Serious lessons

Artist’s exhibits help children understand horrors of the Holocaust
Tuesday, March 28, 2006 | 12:00 a.m. CST; updated 2:06 p.m. CDT, Tuesday, July 22, 2008

The afternoon sun illuminated the artwork of MU graduate Akiva Segan as he spoke to fourth-graders from Lee Elementary School recently about his exhibits, “Under the Wings of G-d” and “Sight-seeing with Dignity,” on display over the past month at Stephens College.

At the college’s Davis Gallery, the children looked at Segan’s drawings of hate crime victims as the artist walked from image to image, explaining each.

The class’s teacher, Leann Renn, had prepared students for the seriousness of the exhibits by reading them a children’s story about the Holocaust. She spoke to them about persecution and discrimination and answered their questions.

Renn said that although she did not discuss the Holocaust in detail, the students understood the severity of the event. Ten-year-old Alan Schmidt said he knew the Holocaust as “a very evil time.”

The “Under the Wings of G-d” exhibit provided a way for students to learn through its images — drawings of the dead to which Segan has added wings. The children made their own drawings from a model, and many added wings similar to those in Segan’s works.

Wendy Sims, a professor of music education at MU, attended the exhibits as part of her daughter‘s class field trip.

“The kids asked questions in a concrete way,” Sims said. “It was intriguing to them that Akiva would include bird wings on images of the dead. Although they understood the concept of the Holocaust, they couldn’t really grasp the magnitude of it all but were eager to learn.”

Students were told that every depiction was of someone who had been killed because of religion, race and/or nationality.

The piece that stood out in most of the students’ minds was “Smiling Man with Single Wing,” in which a bearded face with undefined eyes and glasses was accompanied by only one wing on the the right side.

“I thought that the man with one wing was supposed to be the artist. It looked just like him,” said fourth-grader Isabella Holt.
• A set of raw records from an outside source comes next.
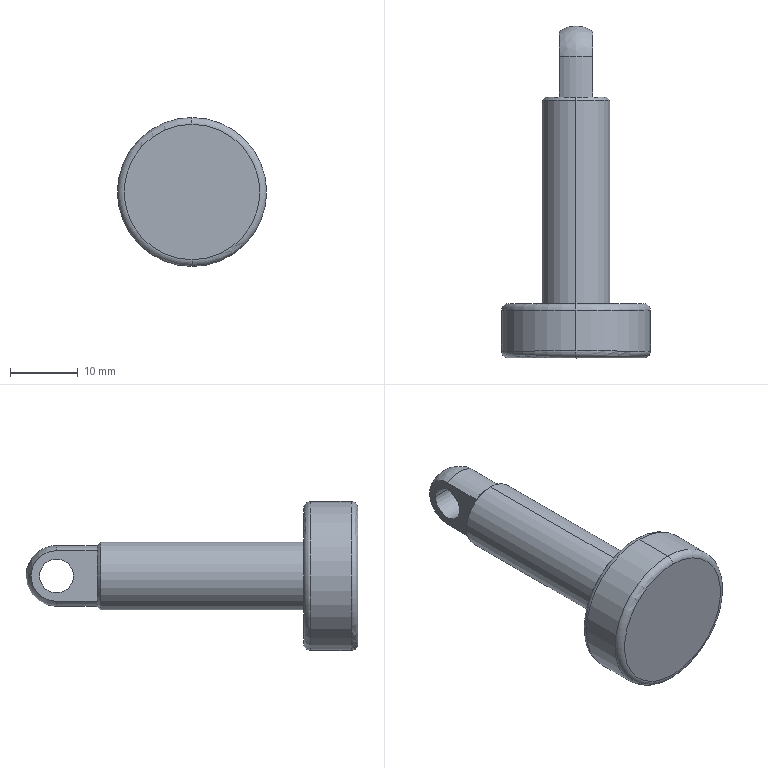Component | SolidWorks | LeverHydraulicRod22-6_HLKA-22_2-1 | 1 solid | 22 faces | box 22 x 49 x 22 mm | volume 5704 mm3 | cylinder 9 | plane 6 | torus 4 | cone 2 | sphere 1 | commonest cylinder face diameters 9 x3 22 x2 5 x2 10 x2
STEP:
#1=COLOUR_RGB('',0.7922,0.8196,0.9333);
#2=FILL_AREA_STYLE_COLOUR('',#1);
#3=FILL_AREA_STYLE('',(#2));
#4=SURFACE_STYLE_FILL_AREA(#3);
#5=SURFACE_SIDE_STYLE('',(#4));
#6=SURFACE_STYLE_USAGE(.BOTH.,#5);
#7=PRESENTATION_STYLE_ASSIGNMENT((#6));
#8=CARTESIAN_POINT('',(-2.662,2.758,4.055));
#9=VERTEX_POINT('',#8);
#10=CARTESIAN_POINT('',(-2.662,2.758,3.189));
#11=VERTEX_POINT('',#10);
#12=CARTESIAN_POINT('',(-2.662,2.758,3.622));
#13=DIRECTION('',(-0.,1.,0.));
#14=DIRECTION('',(0.,0.,-1.));
#15=AXIS2_PLACEMENT_3D('',#12,#13,#14);
#16=CIRCLE('',#15,0.4331);
#17=EDGE_CURVE('',#9,#11,#16,.T.);
#18=ORIENTED_EDGE('',*,*,#17,.F.);
#19=CARTESIAN_POINT('',(-2.662,2.718,4.016));
#20=VERTEX_POINT('',#19);
#21=CARTESIAN_POINT('',(-2.662,2.758,4.016));
#22=DIRECTION('',(1.,0.,0.));
#23=DIRECTION('',(0.,0.,-1.));
#24=AXIS2_PLACEMENT_3D('',#21,#22,#23);
#25=CIRCLE('',#24,0.03937);
#26=EDGE_CURVE('',#9,#20,#25,.T.);
#27=ORIENTED_EDGE('',*,*,#26,.T.);
#28=CARTESIAN_POINT('',(-2.662,2.718,3.228));
#29=VERTEX_POINT('',#28);
#30=CARTESIAN_POINT('',(-2.662,2.718,3.622));
#31=DIRECTION('',(0.,-1.,-0.));
#32=DIRECTION('',(0.,0.,-1.));
#33=AXIS2_PLACEMENT_3D('',#30,#31,#32);
#34=CIRCLE('',#33,0.3937);
#35=EDGE_CURVE('',#29,#20,#34,.T.);
#36=ORIENTED_EDGE('',*,*,#35,.F.);
#37=CARTESIAN_POINT('',(-2.662,2.758,3.228));
#38=DIRECTION('',(-1.,-0.,-0.));
#39=DIRECTION('',(0.,0.,1.));
#40=AXIS2_PLACEMENT_3D('',#37,#38,#39);
#41=CIRCLE('',#40,0.03937);
#42=EDGE_CURVE('',#11,#29,#41,.T.);
#43=ORIENTED_EDGE('',*,*,#42,.F.);
#44=EDGE_LOOP('',(#18,#27,#36,#43));
#45=FACE_OUTER_BOUND('',#44,.T.);
#46=CARTESIAN_POINT('',(-2.662,2.758,3.622));
#47=DIRECTION('',(0.,-1.,-0.));
#48=DIRECTION('',(0.,0.,-1.));
#49=AXIS2_PLACEMENT_3D('',#46,#47,#48);
#50=TOROIDAL_SURFACE('',#49,0.3937,0.03937);
#51=ADVANCED_FACE('',(#45),#50,.T.);
#52=CARTESIAN_POINT('',(-2.662,3.033,4.016));
#53=VERTEX_POINT('',#52);
#54=CARTESIAN_POINT('',(-2.662,3.033,3.228));
#55=VERTEX_POINT('',#54);
#56=CARTESIAN_POINT('',(-2.662,3.033,3.622));
#57=DIRECTION('',(-0.,1.,0.));
#58=DIRECTION('',(0.,0.,-1.));
#59=AXIS2_PLACEMENT_3D('',#56,#57,#58);
#60=CIRCLE('',#59,0.3937);
#61=EDGE_CURVE('',#53,#55,#60,.T.);
#62=ORIENTED_EDGE('',*,*,#61,.F.);
#63=CARTESIAN_POINT('',(-2.662,2.994,4.055));
#64=VERTEX_POINT('',#63);
#65=CARTESIAN_POINT('',(-2.662,2.994,4.016));
#66=DIRECTION('',(1.,0.,0.));
#67=DIRECTION('',(0.,0.,-1.));
#68=AXIS2_PLACEMENT_3D('',#65,#66,#67);
#69=CIRCLE('',#68,0.03937);
#70=EDGE_CURVE('',#53,#64,#69,.T.);
#71=ORIENTED_EDGE('',*,*,#70,.T.);
#72=CARTESIAN_POINT('',(-2.662,2.994,3.189));
#73=VERTEX_POINT('',#72);
#74=CARTESIAN_POINT('',(-2.662,2.994,3.622));
#75=DIRECTION('',(0.,-1.,-0.));
#76=DIRECTION('',(0.,0.,-1.));
#77=AXIS2_PLACEMENT_3D('',#74,#75,#76);
#78=CIRCLE('',#77,0.4331);
#79=EDGE_CURVE('',#73,#64,#78,.T.);
#80=ORIENTED_EDGE('',*,*,#79,.F.);
#81=CARTESIAN_POINT('',(-2.662,2.994,3.228));
#82=DIRECTION('',(-1.,-0.,-0.));
#83=DIRECTION('',(0.,0.,1.));
#84=AXIS2_PLACEMENT_3D('',#81,#82,#83);
#85=CIRCLE('',#84,0.03937);
#86=EDGE_CURVE('',#55,#73,#85,.T.);
#87=ORIENTED_EDGE('',*,*,#86,.F.);
#88=EDGE_LOOP('',(#62,#71,#80,#87));
#89=FACE_OUTER_BOUND('',#88,.T.);
#90=CARTESIAN_POINT('',(-2.662,2.994,3.622));
#91=DIRECTION('',(0.,-1.,-0.));
#92=DIRECTION('',(0.,0.,-1.));
#93=AXIS2_PLACEMENT_3D('',#90,#91,#92);
#94=TOROIDAL_SURFACE('',#93,0.3937,0.03937);
#95=ADVANCED_FACE('',(#89),#94,.T.);
#96=ORIENTED_EDGE('',*,*,#17,.T.);
#97=CARTESIAN_POINT('',(-2.662,2.718,3.189));
#98=DIRECTION('',(-0.,1.,0.));
#99=VECTOR('',#98,39.37);
#100=LINE('',#97,#99);
#101=EDGE_CURVE('',#11,#73,#100,.T.);
#102=ORIENTED_EDGE('',*,*,#101,.T.);
#103=ORIENTED_EDGE('',*,*,#79,.T.);
#104=CARTESIAN_POINT('',(-2.662,2.718,4.055));
#105=DIRECTION('',(-0.,1.,0.));
#106=VECTOR('',#105,39.37);
#107=LINE('',#104,#106);
#108=EDGE_CURVE('',#9,#64,#107,.T.);
#109=ORIENTED_EDGE('',*,*,#108,.F.);
#110=EDGE_LOOP('',(#96,#102,#103,#109));
#111=FACE_OUTER_BOUND('',#110,.T.);
#112=CARTESIAN_POINT('',(-2.662,2.718,3.622));
#113=DIRECTION('',(-0.,1.,0.));
#114=DIRECTION('',(-0.,0.,1.));
#115=AXIS2_PLACEMENT_3D('',#112,#113,#114);
#116=CYLINDRICAL_SURFACE('',#115,0.4331);
#117=ADVANCED_FACE('',(#111),#116,.T.);
#118=CARTESIAN_POINT('',(-2.564,4.569,3.622));
#119=VERTEX_POINT('',#118);
#120=CARTESIAN_POINT('',(-2.564,4.372,3.622));
#121=VERTEX_POINT('',#120);
#122=CARTESIAN_POINT('',(-2.564,4.47,3.622));
#123=DIRECTION('',(-1.,-0.,-0.));
#124=DIRECTION('',(0.,-1.,0.));
#125=AXIS2_PLACEMENT_3D('',#122,#123,#124);
#126=CIRCLE('',#125,0.09843);
#127=EDGE_CURVE('',#119,#121,#126,.T.);
#128=ORIENTED_EDGE('',*,*,#127,.F.);
#129=CARTESIAN_POINT('',(-2.761,4.569,3.622));
#130=VERTEX_POINT('',#129);
#131=CARTESIAN_POINT('',(-2.465,4.569,3.622));
#132=DIRECTION('',(-1.,-0.,-0.));
#133=VECTOR('',#132,39.37);
#134=LINE('',#131,#133);
#135=EDGE_CURVE('',#119,#130,#134,.T.);
#136=ORIENTED_EDGE('',*,*,#135,.T.);
#137=CARTESIAN_POINT('',(-2.761,4.372,3.622));
#138=VERTEX_POINT('',#137);
#139=CARTESIAN_POINT('',(-2.761,4.47,3.622));
#140=DIRECTION('',(-1.,-0.,-0.));
#141=DIRECTION('',(0.,-1.,0.));
#142=AXIS2_PLACEMENT_3D('',#139,#140,#141);
#143=CIRCLE('',#142,0.09843);
#144=EDGE_CURVE('',#130,#138,#143,.T.);
#145=ORIENTED_EDGE('',*,*,#144,.T.);
#146=CARTESIAN_POINT('',(-2.465,4.372,3.622));
#147=DIRECTION('',(-1.,-0.,-0.));
#148=VECTOR('',#147,39.37);
#149=LINE('',#146,#148);
#150=EDGE_CURVE('',#121,#138,#149,.T.);
#151=ORIENTED_EDGE('',*,*,#150,.F.);
#152=EDGE_LOOP('',(#128,#136,#145,#151));
#153=FACE_OUTER_BOUND('',#152,.T.);
#154=CARTESIAN_POINT('',(-2.465,4.47,3.622));
#155=DIRECTION('',(-1.,-0.,-0.));
#156=DIRECTION('',(0.,-1.,0.));
#157=AXIS2_PLACEMENT_3D('',#154,#155,#156);
#158=CYLINDRICAL_SURFACE('',#157,0.09843);
#159=ADVANCED_FACE('',(#153),#158,.F.);
#160=CARTESIAN_POINT('',(-2.662,4.234,3.799));
#161=VERTEX_POINT('',#160);
#162=CARTESIAN_POINT('',(-2.564,4.234,3.769));
#163=VERTEX_POINT('',#162);
#164=CARTESIAN_POINT('',(-2.662,4.234,3.622));
#165=DIRECTION('',(-0.,1.,0.));
#166=DIRECTION('',(-0.,0.,1.));
#167=AXIS2_PLACEMENT_3D('',#164,#165,#166);
#168=CIRCLE('',#167,0.1772);
#169=EDGE_CURVE('',#161,#163,#168,.T.);
#170=ORIENTED_EDGE('',*,*,#169,.F.);
#171=CARTESIAN_POINT('',(-2.662,4.214,3.819));
#172=VERTEX_POINT('',#171);
#173=CARTESIAN_POINT('',(-2.662,4.234,3.799));
#174=DIRECTION('',(-0.,-0.7071,0.7071));
#175=VECTOR('',#174,39.37);
#176=LINE('',#173,#175);
#177=EDGE_CURVE('',#161,#172,#176,.T.);
#178=ORIENTED_EDGE('',*,*,#177,.T.);
#179=CARTESIAN_POINT('',(-2.662,4.214,3.425));
#180=VERTEX_POINT('',#179);
#181=CARTESIAN_POINT('',(-2.662,4.214,3.622));
#182=DIRECTION('',(0.,-1.,-0.));
#183=DIRECTION('',(-0.,0.,1.));
#184=AXIS2_PLACEMENT_3D('',#181,#182,#183);
#185=CIRCLE('',#184,0.1969);
#186=EDGE_CURVE('',#180,#172,#185,.T.);
#187=ORIENTED_EDGE('',*,*,#186,.F.);
#188=CARTESIAN_POINT('',(-2.662,4.234,3.445));
#189=VERTEX_POINT('',#188);
#190=CARTESIAN_POINT('',(-2.662,4.234,3.445));
#191=DIRECTION('',(0.,-0.7071,-0.7071));
#192=VECTOR('',#191,39.37);
#193=LINE('',#190,#192);
#194=EDGE_CURVE('',#189,#180,#193,.T.);
#195=ORIENTED_EDGE('',*,*,#194,.F.);
#196=CARTESIAN_POINT('',(-2.564,4.234,3.475));
#197=VERTEX_POINT('',#196);
#198=CARTESIAN_POINT('',(-2.662,4.234,3.622));
#199=DIRECTION('',(-0.,1.,0.));
#200=DIRECTION('',(-0.,0.,1.));
#201=AXIS2_PLACEMENT_3D('',#198,#199,#200);
#202=CIRCLE('',#201,0.1772);
#203=EDGE_CURVE('',#197,#189,#202,.T.);
#204=ORIENTED_EDGE('',*,*,#203,.F.);
#205=CARTESIAN_POINT('',(-2.662,4.234,3.622));
#206=DIRECTION('',(-0.,1.,0.));
#207=DIRECTION('',(-0.,0.,1.));
#208=AXIS2_PLACEMENT_3D('',#205,#206,#207);
#209=CIRCLE('',#208,0.1772);
#210=EDGE_CURVE('',#163,#197,#209,.T.);
#211=ORIENTED_EDGE('',*,*,#210,.F.);
#212=EDGE_LOOP('',(#170,#178,#187,#195,#204,#211));
#213=FACE_OUTER_BOUND('',#212,.T.);
#214=CARTESIAN_POINT('',(-2.662,4.234,3.622));
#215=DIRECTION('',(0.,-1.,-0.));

Because Lee Elementary School is an “expressive arts school,” art is integrated in every area of learning. Lee art teacher Ann Mehr said she team-teaches with other teachers in order to maintain students’ well-rounded education.

“I thought this exhibit was a great experience for the students,” Mehr said. “Akiva really valued their take on his work and appreciated their questions. At the same time, they were able to learn at a younger age that hate should not exist simply because someone is different.”

At a slide show in Pickard Hall this month, Segan discussed his “wings” drawings with an older crowd.

“He conveys the feelings of desperation coming from the Holocaust, yet there is an uplifting, spiritual quality about the work that may be more effective than a heavy-handed, gruesome approach,” said Nelson Cowan, an MU psychology professor who was in the audience. “The images are poignant, aesthetically satisfying and touching.”

Beth Shalom Jewish Synagogue also arranged for a private viewing of the exhibits with the help of Laura Flacks-Narrol, a congregation member who said she was extremely pleased to have such a resource in Columbia for residents to view and learn from.

“The people in the drawings were not depicted in the act of death but in the acts of life,” Flacks-Narrol said. “It helps one remember that the huge number of dead all had lives, names and real stories.”

Segan emphasized that his work is there to create awareness. He hopes it will inspire not only people who are Jewish but all who think that hate and discrimination are problems in this world.

“It’s said by some that it’s easier in the affluent countries to close one’s eyes to all the violence and troubles; and many people are only concerned with their own lives and not about what goes on elsewhere,” Segan said in a later e-mail interview. “That may be the case, although I have to agree with Elie Wiesel, who has said that apathy is more frightening than hate itself.”